“Talking Boxes” a voice for Kibera girls

Eva Bowa, Program Officer, Polycom Development Project Opening up one of the talking boxes at Spurgeons Primary School.

Kibera, Nairobi, Kenya…

Off Olympic road on the left, a busy, noisy street punctuated with tiny squeezed shops on both sides. Pedestrians briskly walking up and down as though they are running late for something……Both men and women vendors consumed in their daily hustles……Piercing noises and fire sparks by welders springing across the road…..Smell of fried ‘chapatis’ and ‘mandazis’ consuming the air around while screams of children playing at a nearby school-Olympic primary school-engulfing the whole neighborhood ……. This street will lead you to a Centre of hope and voice for thousands of young girls and adolescents living in Kibera.

300 Metres, right before the street takes a mighty curve. You will find a ruby rugged gate, paint peeled off. Not to judge. What lies inside is much greater-Polycom Development Project office. Err…Still hard to figure out what goes on there? On a closer look signs displayed on the door and walls- ‘Speak Out!… ‘Sitakimya’ meaning ‘I won’t be silenced’ suggest that it is an empowerement Centre. Right guess!

A charming Jane Anyango- Director Polycom Development Project, seated at the furthest corner right after you enter the building will gladly fill you in about what the project is all about..

Polycom Development project is one unique project that was started to ‘break the silence’ on Sexual, Gender Based Violence among children and adolescents in Kibera.

The project adopted a secretive ‘talking box’ approach to allow girls who would otherwise shy away from sharing their issues (especially GBV related) to confidently draft a note and drop it in the emblematic box.

A sample of a note from Spurgeons primary school, talking box

In an interview with Jane at her Office, she revealed to me that the innocent project started seven years ago and was piloted in 14 schools, which after one year it scaled down to 7 schools, because some schools did not embrace it well and also some parents were against the initiative citing that it was a project meant to ‘use their children’ . She did not lose hope.

She further confirmed that they are currently working within 16 schools and are scaling up to 34 more schools which will bring the total number to 50 schools, thanks to her recent partner, UNFPA Kenya.

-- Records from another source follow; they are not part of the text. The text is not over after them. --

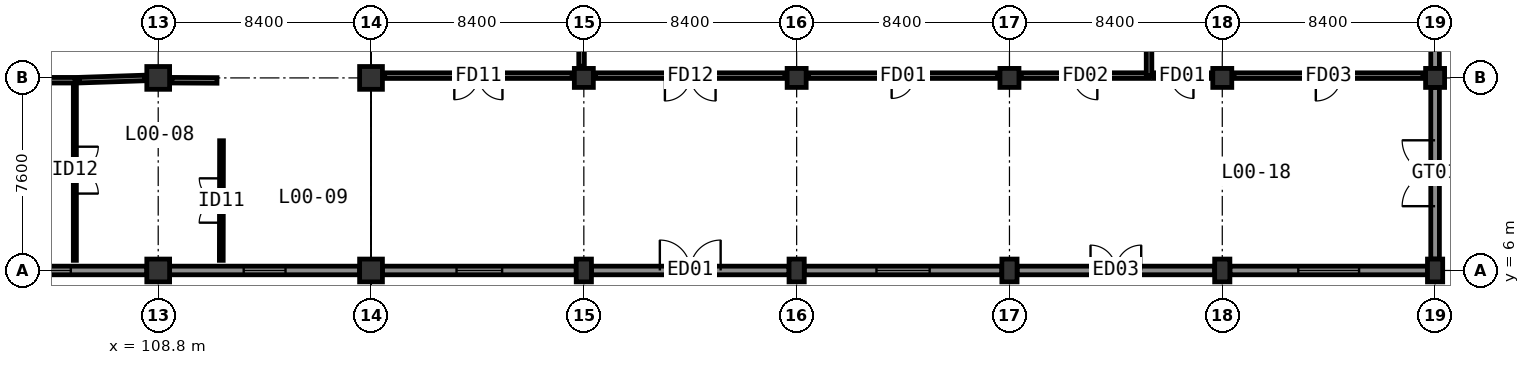
"""IFC4 building model, lengths in metres.
Left out: names, types, materials, properties, quantities, classifications, styles, units other than length and angle.
Written with IfcOpenShell. Run it as: python <this file> out.ifc"""

import sys

from ifc_helpers import new_model, si_unit, direction, frame, frame_2d, origin, origin_2d, place, context, subcontext, project, spatial, rectangle, extrude, element, fill, save


model = new_model("IFC4")
c1 = context("Model", 3, precision=1e-05, world=origin(), true_north=direction((0.0, 1.0)))
c2 = subcontext(c1, "Body", "Model", "MODEL_VIEW")
j1 = project(units=[si_unit("LENGTHUNIT", "METRE"), si_unit("PLANEANGLEUNIT", "RADIAN")], contexts=[c1])
p1 = place(None, origin())
s1 = spatial("IfcSite", under=j1, at=p1, CompositionType="ELEMENT")
p2 = place(p1, origin())
s2 = spatial("IfcBuilding", under=s1, at=p2, CompositionType="ELEMENT")
p3 = place(p2, origin())
s3 = spatial("IfcBuildingStorey", under=s2, at=p3, CompositionType="ELEMENT", Elevation=0.0)
for number, where, z_axis, x_axis in (
    (1, (108.8, 6.0, 0.0), (0.0, 0.0, 1.0), (1.0, 0.0, 0.0)),
    (2, (117.2, 6.0, 0.0), (0.0, 0.0, 1.0), (1.0, 0.0, 0.0)),
):
    element("IfcColumn", number, at=place(p3, frame(where, z_axis=z_axis, x_axis=x_axis)), inside=s3, PredefinedType="COLUMN", context=c2, shape_type="SweptSolid", body=[
        extrude(rectangle(XDim=0.9, YDim=0.9, at=origin_2d()), origin(), (0.0, 0.0, 1.0), 4.8),
    ])
for number, where, z_axis, x_axis in (
    (3, (125.6, 6.0, 0.0), (0.0, 0.0, 1.0), (1.0, 0.0, 0.0)),
    (4, (134.0, 6.0, 0.0), (0.0, 0.0, 1.0), (1.0, 0.0, 0.0)),
    (5, (142.4, 6.0, 0.0), (0.0, 0.0, 1.0), (1.0, 0.0, 0.0)),
    (6, (150.8, 6.0, 0.0), (0.0, 0.0, 1.0), (1.0, 0.0, 0.0)),
    (7, (159.2, 6.0, 0.0), (0.0, 0.0, 1.0), (1.0, 0.0, 0.0)),
):
    element("IfcColumn", number, at=place(p3, frame(where, z_axis=z_axis, x_axis=x_axis)), inside=s3, PredefinedType="PILASTER", context=c2, shape_type="SweptSolid", body=[
        extrude(rectangle(XDim=0.6, YDim=0.9, at=origin_2d()), origin(), (0.0, 0.0, 1.0), 4.8),
    ])
for number, where, z_axis, x_axis in (
    (8, (108.8, 13.6, 0.0), (0.0, 0.0, 1.0), (1.0, 0.0, 0.0)),
    (9, (117.2, 13.6, 0.0), (0.0, 0.0, 1.0), (1.0, 0.0, 0.0)),
):
    element("IfcColumn", number, at=place(p3, frame(where, z_axis=z_axis, x_axis=x_axis)), inside=s3, PredefinedType="COLUMN", context=c2, shape_type="SweptSolid", body=[
        extrude(rectangle(XDim=0.9, YDim=0.9, at=origin_2d()), origin(), (0.0, 0.0, 1.0), 4.8),
    ])
for number, where, z_axis, x_axis in (
    (10, (125.6, 13.6, 0.0), (0.0, 0.0, 1.0), (1.0, 0.0, 0.0)),
    (11, (134.0, 13.6, 0.0), (0.0, 0.0, 1.0), (1.0, 0.0, 0.0)),
    (12, (142.4, 13.6, 0.0), (0.0, 0.0, 1.0), (1.0, 0.0, 0.0)),
    (13, (150.8, 13.6, 0.0), (0.0, 0.0, 1.0), (1.0, 0.0, 0.0)),
    (14, (159.2, 13.6, 0.0), (0.0, 0.0, 1.0), (1.0, 0.0, 0.0)),
):
    element("IfcColumn", number, at=place(p3, frame(where, z_axis=z_axis, x_axis=x_axis)), inside=s3, PredefinedType="COLUMN", context=c2, shape_type="SweptSolid", body=[
        extrude(rectangle(XDim=0.75, YDim=0.75, at=origin_2d()), origin(), (0.0, 0.0, 1.0), 4.8),
    ])
p4 = place(p3, frame((100.85, 6.0, 0.0), z_axis=(0.0, 0.0, 1.0), x_axis=(1.0, 0.0, 0.0)))
e15 = element("IfcWall", 15, at=p4, inside=s3, PredefinedType="SOLIDWALL", context=c2, shape_type="SweptSolid", body=[
    extrude(rectangle(XDim=7.5, YDim=0.34, at=frame_2d((3.75, 0.0))), origin(), (0.0, 0.0, 1.0), 4.047),
])
p5 = place(p4, frame((3.0, 0.0, 0.95)))
e16 = element("IfcOpeningElement", 16, at=p5, cuts=e15, PredefinedType="OPENING", context=c2, shape_type="SweptSolid", body=[
    extrude(rectangle(XDim=1.5, YDim=1.5, at=frame_2d((0.75, 0.75))), frame((0.0, 0.18, 0.0), z_axis=(0.0, -1.0, 0.0), x_axis=(1.0, 0.0, 0.0)), (0.0, 0.0, 1.0), 0.36),
])
p6 = place(p3, frame((109.25, 6.0, 0.0), z_axis=(0.0, 0.0, 1.0), x_axis=(1.0, 0.0, 0.0)))
e17 = element("IfcWall", 17, at=p6, inside=s3, PredefinedType="SOLIDWALL", context=c2, shape_type="SweptSolid", body=[
    extrude(rectangle(XDim=7.5, YDim=0.34, at=frame_2d((3.75, 0.0))), origin(), (0.0, 0.0, 1.0), 4.047),
])
p7 = place(p6, frame((2.925, 0.0, 0.95)))
e18 = element("IfcOpeningElement", 18, at=p7, cuts=e17, PredefinedType="OPENING", context=c2, shape_type="SweptSolid", body=[
    extrude(rectangle(XDim=1.65, YDim=1.5, at=frame_2d((0.825, 0.75))), frame((0.0, 0.18, 0.0), z_axis=(0.0, -1.0, 0.0), x_axis=(1.0, 0.0, 0.0)), (0.0, 0.0, 1.0), 0.36),
])
p8 = place(p3, frame((117.65, 6.0, 0.0), z_axis=(0.0, 0.0, 1.0), x_axis=(1.0, 0.0, 0.0)))
e19 = element("IfcWall", 19, at=p8, inside=s3, PredefinedType="SOLIDWALL", context=c2, shape_type="SweptSolid", body=[
    extrude(rectangle(XDim=7.65, YDim=0.34, at=frame_2d((3.825, 0.0))), origin(), (0.0, 0.0, 1.0), 4.047),
])
p9 = place(p8, frame((2.925, 0.0, 0.95)))
e20 = element("IfcOpeningElement", 20, at=p9, cuts=e19, PredefinedType="OPENING", context=c2, shape_type="SweptSolid", body=[
    extrude(rectangle(XDim=1.8, YDim=1.5, at=frame_2d((0.9, 0.75))), frame((0.0, 0.18, 0.0), z_axis=(0.0, -1.0, 0.0), x_axis=(1.0, 0.0, 0.0)), (0.0, 0.0, 1.0), 0.36),
])
p10 = place(p3, frame((125.9, 6.0, 0.0), z_axis=(0.0, 0.0, 1.0), x_axis=(1.0, 0.0, 0.0)))
e21 = element("IfcWall", 21, at=p10, inside=s3, PredefinedType="SOLIDWALL", context=c2, shape_type="SweptSolid", body=[
    extrude(rectangle(XDim=7.8, YDim=0.34, at=frame_2d((3.9, 0.0))), origin(), (0.0, 0.0, 1.0), 4.187),
])
p11 = place(p10, frame((2.7, 0.0, 0.0)))
e22 = element("IfcOpeningElement", 22, at=p11, cuts=e21, PredefinedType="OPENING", context=c2, shape_type="SweptSolid", body=[
    extrude(rectangle(XDim=2.4, YDim=2.4, at=frame_2d((1.2, 1.2))), frame((0.0, 0.18, 0.0), z_axis=(0.0, -1.0, 0.0), x_axis=(1.0, 0.0, 0.0)), (0.0, 0.0, 1.0), 0.36),
])
p12 = place(p3, frame((134.3, 6.0, 0.0), z_axis=(0.0, 0.0, 1.0), x_axis=(1.0, 0.0, 0.0)))
e23 = element("IfcWall", 23, at=p12, inside=s3, PredefinedType="SOLIDWALL", context=c2, shape_type="SweptSolid", body=[
    extrude(rectangle(XDim=7.8, YDim=0.34, at=frame_2d((3.9, 0.0))), origin(), (0.0, 0.0, 1.0), 4.187),
])
p13 = place(p12, frame((2.85, 0.0, 0.95)))
e24 = element("IfcOpeningElement", 24, at=p13, cuts=e23, PredefinedType="OPENING", context=c2, shape_type="SweptSolid", body=[
    extrude(rectangle(XDim=2.1, YDim=1.5, at=frame_2d((1.05, 0.75))), frame((0.0, 0.18, 0.0), z_axis=(0.0, -1.0, 0.0), x_axis=(1.0, 0.0, 0.0)), (0.0, 0.0, 1.0), 0.36),
])
p14 = place(p3, frame((142.7, 6.0, 0.0), z_axis=(0.0, 0.0, 1.0), x_axis=(1.0, 0.0, 0.0)))
e25 = element("IfcWall", 25, at=p14, inside=s3, PredefinedType="SOLIDWALL", context=c2, shape_type="SweptSolid", body=[
    extrude(rectangle(XDim=7.8, YDim=0.34, at=frame_2d((3.9, 0.0))), origin(), (0.0, 0.0, 1.0), 4.187),
])
p15 = place(p14, frame((2.9, 0.0, 0.0)))
e26 = element("IfcOpeningElement", 26, at=p15, cuts=e25, PredefinedType="OPENING", context=c2, shape_type="SweptSolid", body=[
    extrude(rectangle(XDim=2.0, YDim=2.2, at=frame_2d((1.0, 1.1))), frame((0.0, 0.18, 0.0), z_axis=(0.0, -1.0, 0.0), x_axis=(1.0, 0.0, 0.0)), (0.0, 0.0, 1.0), 0.36),
])
p16 = place(p3, frame((151.1, 6.0, 0.0), z_axis=(0.0, 0.0, 1.0), x_axis=(1.0, 0.0, 0.0)))
e27 = element("IfcWall", 27, at=p16, inside=s3, PredefinedType="SOLIDWALL", context=c2, shape_type="SweptSolid", body=[
    extrude(rectangle(XDim=7.8, YDim=0.34, at=frame_2d((3.9, 0.0))), origin(), (0.0, 0.0, 1.0), 4.187),
])
p17 = place(p16, frame((2.7, 0.0, 0.95)))
e28 = element("IfcOpeningElement", 28, at=p17, cuts=e27, PredefinedType="OPENING", context=c2, shape_type="SweptSolid", body=[
    extrude(rectangle(XDim=2.4, YDim=1.5, at=frame_2d((1.2, 0.75))), frame((0.0, 0.18, 0.0), z_axis=(0.0, -1.0, 0.0), x_axis=(1.0, 0.0, 0.0)), (0.0, 0.0, 1.0), 0.36),
])
p18 = place(p3, frame((159.2, 6.45, 0.0), z_axis=(0.0, 0.0, 1.0), x_axis=(0.0, 1.0, 0.0)))
e29 = element("IfcWall", 29, at=p18, inside=s3, PredefinedType="SOLIDWALL", context=c2, shape_type="SweptSolid", body=[
    extrude(rectangle(XDim=6.775, YDim=0.34, at=frame_2d((3.388, 0.0))), origin(), (0.0, 0.0, 1.0), 4.237),
])
p19 = place(p18, frame((2.087, 0.0, 0.0)))
e30 = element("IfcOpeningElement", 30, at=p19, cuts=e29, PredefinedType="OPENING", context=c2, shape_type="SweptSolid", body=[
    extrude(rectangle(XDim=2.6, YDim=2.2, at=frame_2d((1.3, 1.1))), frame((0.0, 0.18, 0.0), z_axis=(0.0, -1.0, 0.0), x_axis=(1.0, 0.0, 0.0)), (0.0, 0.0, 1.0), 0.36),
])
p20 = place(p3, frame((159.2, 13.975, 0.0), z_axis=(0.0, 0.0, 1.0), x_axis=(0.0, 1.0, 0.0)))
e31 = element("IfcWall", 31, at=p20, inside=s3, PredefinedType="SOLIDWALL", context=c2, shape_type="SweptSolid", body=[
    extrude(rectangle(XDim=6.85, YDim=0.34, at=frame_2d((3.425, 0.0))), origin(), (0.0, 0.0, 1.0), 4.237),
])
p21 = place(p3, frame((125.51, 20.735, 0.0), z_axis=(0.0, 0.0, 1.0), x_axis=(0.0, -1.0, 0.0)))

She said that at first, they used carton boxes which did not function well because dubious persons broke into the boxes and stole the notes. She later got a volunteer who made wooden boxes with safety padlocks but they still do not guarantee 100% safety.

She is glad about the recent partnership with UNFPA Kenya, for they have pledged to support production of 50 metallic boxes that will guarantee, not only safety but longevity.

Benefits of the ‘talking boxes’


Teachers, pupils Spurgeons Primary School

Teacher Rose Okeya also a counsellor and Social Worker at Spurgeons Primary School- A beneficiary of the project, confirmed that the project has brought about behavior change among pupils. She has observed girls at the school being able to open up and speak out on all issues ranging from SGBV, Sexual Reproductive Health and menstrual matters. Additionally, with follow up, she has observed girls perform well in studies.

She said that the project has been able to detect, curb and resolve issues raised, most common being issues of gender based violence, especially sexual harassment among peers in school, including sexual harassment by teachers, guardians and neighbors.

Another note!

For issues that require much more attention the project reaches out to relevant persons or authorities for further help.

The project has been very successful. We have beautiful success stories and we are in fact coming up with our own research to challenge existing results.’ Said Jane.

Jane observed that while dealing with cases of SGBV, a lot of focus is always directed to perpetrators than survivors. She called upon donors and service providers to understand the importance of working with survivors, for they bear the pain. Especially cases where the victim might never access Justice whenever the family resorts to resolving the issue amicably- which is a normal avenue for resolving GBV cases within family set up.

Jane always urges parents, during parents-teacher meetings not to be very harsh to their children. She encourages them to be friendly with their children in order to establish rapport with them. The amicable environment will enable them to share their issues freely. Above all, she urges them to create time for their children amid their busy schedules . She understands that the economic burden and the need to provide is huge on them but they have to sacrifice some time for their children.. Her dream is to see the project expand beyond Kibera.